Id. (quoting Turpin v. Anderson, 957 S.W.2d 421, 427 (Mo. App. W.D. 1997)).

Additionally, the court should consider "the fact that a client does not have to pay for duplicative service, and the services rendered must have enriched the client in the sense of benefits conferred." Id. "The application of these factors must necessarily vary on a case-by-case basis depending on the circumstances." Id.

Our review of Appellants’ contingent fee contracts and the findings of the circuit court show the contingencies in those contracts were satisfied upon the settlement of the Underlying Case. Briscoe’s and Bird’s contingent fee contracts identified "any settlement or judgment" limited only to the Underlying Case as the trigger for payment. The contract between Estes, Briscoe, and Bird stated that the consideration for the agreement was their "investigating, handling and pursuing a claim for damages concerning [Jane Doe], [Jane Doe's daughter], and Brenda Estes, specifically, Jane Doe, et al. v. Progressive Community Services, et al. (Case No. 13BU-CV05586)," which is the Underlying Case. No contingencies related to the Bad Faith Case were present in these contracts. Bird and Briscoe participated in obtaining a substantial settlement in the Underlying Case, which fulfilled their obligations under their contingent contracts. Bird and Briscoe received payment from the Underlying Case settlement, pursuant to their contracts. Estes was entitled to terminate, and did terminate, those contracts. Goldstein, 974 S.W.2d at 548.

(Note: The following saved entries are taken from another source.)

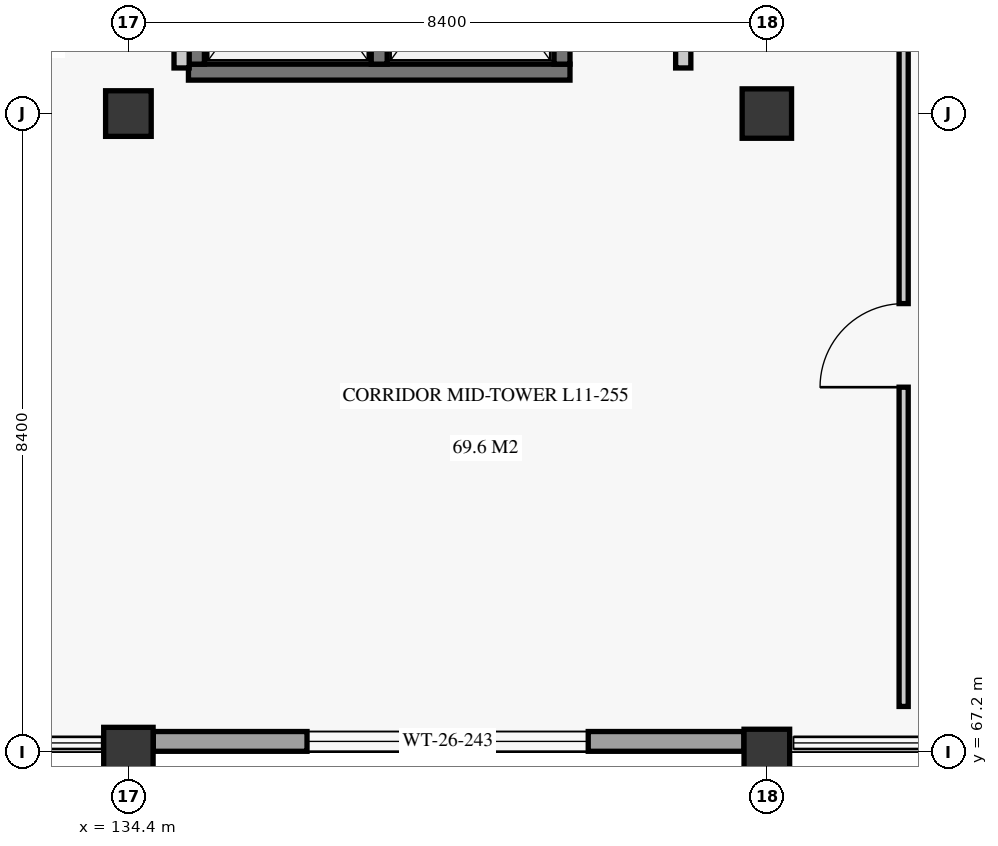
"""IFC4 building model, lengths in metres.
Left out: names, types, materials, properties, quantities, classifications, styles, units other than length and angle.
Written with IfcOpenShell. Run it as: python <this file> out.ifc"""

import sys

from ifc_helpers import new_model, si_unit, direction, frame, frame_2d, origin, origin_2d, place, context, subcontext, project, spatial, rectangle, extrude, element, fill, save


model = new_model("IFC4")
c1 = context("Model", 3, precision=1e-05, world=origin(), true_north=direction((0.0, 1.0)))
c2 = subcontext(c1, "Body", "Model", "MODEL_VIEW")
j1 = project(units=[si_unit("LENGTHUNIT", "METRE"), si_unit("PLANEANGLEUNIT", "RADIAN")], contexts=[c1])
p1 = place(None, origin())
s1 = spatial("IfcSite", under=j1, at=p1, CompositionType="ELEMENT")
p2 = place(p1, origin())
s2 = spatial("IfcBuilding", under=s1, at=p2, CompositionType="ELEMENT")
p3 = place(p2, frame((0.0, 0.0, 46.7)))
s3 = spatial("IfcBuildingStorey", under=s2, at=p3, CompositionType="ELEMENT", Elevation=46.7)
p4 = place(p3, frame((134.4, 67.2, 0.0), z_axis=(0.0, 0.0, 1.0), x_axis=(1.0, 0.0, 0.0)))
e1 = element("IfcColumn", 1, at=p4, inside=s3, PredefinedType="COLUMN", context=c2, shape_type="SweptSolid", body=[
    extrude(rectangle(XDim=0.65, YDim=0.65, at=origin_2d()), origin(), (0.0, 0.0, 1.0), 3.72),
])
for number, where, z_axis, x_axis in (
    (2, (134.4, 75.6, 0.0), (0.0, 0.0, 1.0), (1.0, 0.0, 0.0)),
    (3, (142.8, 67.2, 0.0), (0.0, 0.0, 1.0), (1.0, 0.0, 0.0)),
):
    element("IfcColumn", number, at=place(p3, frame(where, z_axis=z_axis, x_axis=x_axis)), inside=s3, PredefinedType="COLUMN", context=c2, shape_type="SweptSolid", body=[
        extrude(rectangle(XDim=0.6, YDim=0.6, at=origin_2d()), origin(), (0.0, 0.0, 1.0), 3.72),
    ])
p5 = place(p3, frame((142.8, 75.6, 0.0), z_axis=(0.0, 0.0, 1.0), x_axis=(1.0, 0.0, 0.0)))
e4 = element("IfcColumn", 4, at=p5, inside=s3, PredefinedType="COLUMN", context=c2, shape_type="SweptSolid", body=[
    extrude(rectangle(XDim=0.65, YDim=0.65, at=origin_2d()), origin(), (0.0, 0.0, 1.0), 3.72),
])
p6 = place(p3, frame((134.728, 67.34, 0.0), z_axis=(0.0, 0.0, 1.0), x_axis=(1.0, 0.0, 0.0)))
e5 = element("IfcWall", 5, at=p6, inside=s3, PredefinedType="SOLIDWALL", context=c2, shape_type="SweptSolid", body=[
    extrude(rectangle(XDim=7.77, YDim=0.26, at=frame_2d((3.885, 0.0))), origin(), (0.0, 0.0, 1.0), 3.04),
])
p7 = place(p6, frame((2.022, 0.0, 0.85)))
e6 = element("IfcOpeningElement", 6, at=p7, cuts=e5, PredefinedType="OPENING", context=c2, shape_type="SweptSolid", body=[
    extrude(rectangle(XDim=3.7, YDim=1.9, at=frame_2d((1.85, 0.95))), frame((0.0, 0.14, 0.0), z_axis=(0.0, -1.0, 0.0), x_axis=(1.0, 0.0, 0.0)), (0.0, 0.0, 1.0), 0.28),
])
p8 = place(p3, frame((135.19, 76.145, 0.0), z_axis=(0.0, 0.0, 1.0), x_axis=(1.0, 0.0, 0.0)))
e7 = element("IfcWall", 7, at=p8, inside=s3, PredefinedType="SHEAR", context=c2, shape_type="SweptSolid", body=[
    extrude(rectangle(XDim=5.02, YDim=0.21, at=frame_2d((2.51, 0.0))), origin(), (0.0, 0.0, 1.0), 3.72),
])
for number, where, z_axis, x_axis in (
    (8, (135.295, 76.25, 0.0), (0.0, 0.0, 1.0), (0.0, 1.0, 0.0)),
    (9, (140.105, 76.25, 0.0), (0.0, 0.0, 1.0), (0.0, 1.0, 0.0)),
    (10, (137.7, 76.25, 0.0), (0.0, 0.0, 1.0), (0.0, 1.0, 0.0)),
):
    element("IfcWall", number, at=place(p3, frame(where, z_axis=z_axis, x_axis=x_axis)), inside=s3, PredefinedType="SHEAR", context=c2, shape_type="SweptSolid", body=[
        extrude(rectangle(XDim=3.0, YDim=0.21, at=frame_2d((1.5, 0.0))), origin(), (0.0, 0.0, 1.0), 3.72),
    ])
for number, where, z_axis, x_axis in (
    (11, (135.1, 76.2, 0.0), (0.0, 0.0, 1.0), (0.0, 1.0, 0.0)),
    (12, (141.7, 76.2, 0.0), (0.0, 0.0, 1.0), (0.0, 1.0, 0.0)),
):
    element("IfcWall", number, at=place(p3, frame(where, z_axis=z_axis, x_axis=x_axis)), inside=s3, PredefinedType="PARTITIONING", context=c2, shape_type="SweptSolid", body=[
        extrude(rectangle(XDim=7.25, YDim=0.2, at=frame_2d((3.625, 0.0))), origin(), (0.0, 0.0, 1.0), 3.34),
    ])
p9 = place(p3, frame((144.6, 67.8, 0.0), z_axis=(0.0, 0.0, 1.0), x_axis=(0.0, 1.0, 0.0)))
e13 = element("IfcWall", 13, at=p9, inside=s3, PredefinedType="PARTITIONING", context=c2, shape_type="SweptSolid", body=[
    extrude(rectangle(XDim=32.4, YDim=0.12, at=frame_2d((16.2, 0.0))), origin(), (0.0, 0.0, 1.0), 3.34),
])
p10 = place(p9, frame((4.2, 0.0, 0.0)))
e14 = element("IfcOpeningElement", 14, at=p10, cuts=e13, PredefinedType="OPENING", context=c2, shape_type="SweptSolid", body=[
    extrude(rectangle(XDim=1.1, YDim=2.15, at=frame_2d((0.55, 1.075))), frame((0.0, 0.07, 0.0), z_axis=(0.0, -1.0, 0.0), x_axis=(1.0, 0.0, 0.0)), (0.0, 0.0, 1.0), 0.14),
])
p11 = place(p9, frame((26.4, 0.0, 0.0)))
e15 = element("IfcOpeningElement", 15, at=p11, cuts=e13, PredefinedType="OPENING", context=c2, shape_type="SweptSolid", body=[
    extrude(rectangle(XDim=1.2, YDim=2.3, at=frame_2d((0.6, 1.15))), frame((0.0, 0.07, 0.0), z_axis=(0.0, -1.0, 0.0), x_axis=(1.0, 0.0, 0.0)), (0.0, 0.0, 1.0), 0.14),
])
p12 = place(p7, origin())
e16 = element("IfcWindow", 16, at=p12, inside=s3, PartitioningType="SINGLE_PANEL", PredefinedType="WINDOW", context=c2, shape_type="SweptSolid", body=[
    extrude(rectangle(XDim=3.7, YDim=1.9, at=frame_2d((1.85, 0.95))), frame((0.0, 0.03, 0.0), z_axis=(0.0, -1.0, 0.0), x_axis=(1.0, 0.0, 0.0)), (0.0, 0.0, 1.0), 0.06),
])
fill(e6, e16)
p13 = place(p10, origin())
e17 = element("IfcDoor", 17, at=p13, inside=s3, OperationType="SINGLE_SWING_LEFT", PredefinedType="DOOR", context=c2, shape_type="SweptSolid", body=[
    extrude(rectangle(XDim=1.1, YDim=2.15, at=frame_2d((0.55, 1.075))), frame((0.0, 0.025, 0.0), z_axis=(0.0, -1.0, 0.0), x_axis=(1.0, 0.0, 0.0)), (0.0, 0.0, 1.0), 0.05),
])
fill(e14, e17)
save(model, sys.argv[1])

Similarly, no contingencies related to the Bad Faith Case existed in Sternberg’s contract for legal services. Id. Sternberg’s contract stated his services were limited in scope to serving as lead appellate counsel in the appeal of the Underlying Case to this court and possibly to the Supreme Court. The contract specifically stated his representation would not cover any services by him in the circuit court upon any remand to the circuit court. Sternberg fulfilled the contingency in his contract and received payment when the Underlying Case was settled.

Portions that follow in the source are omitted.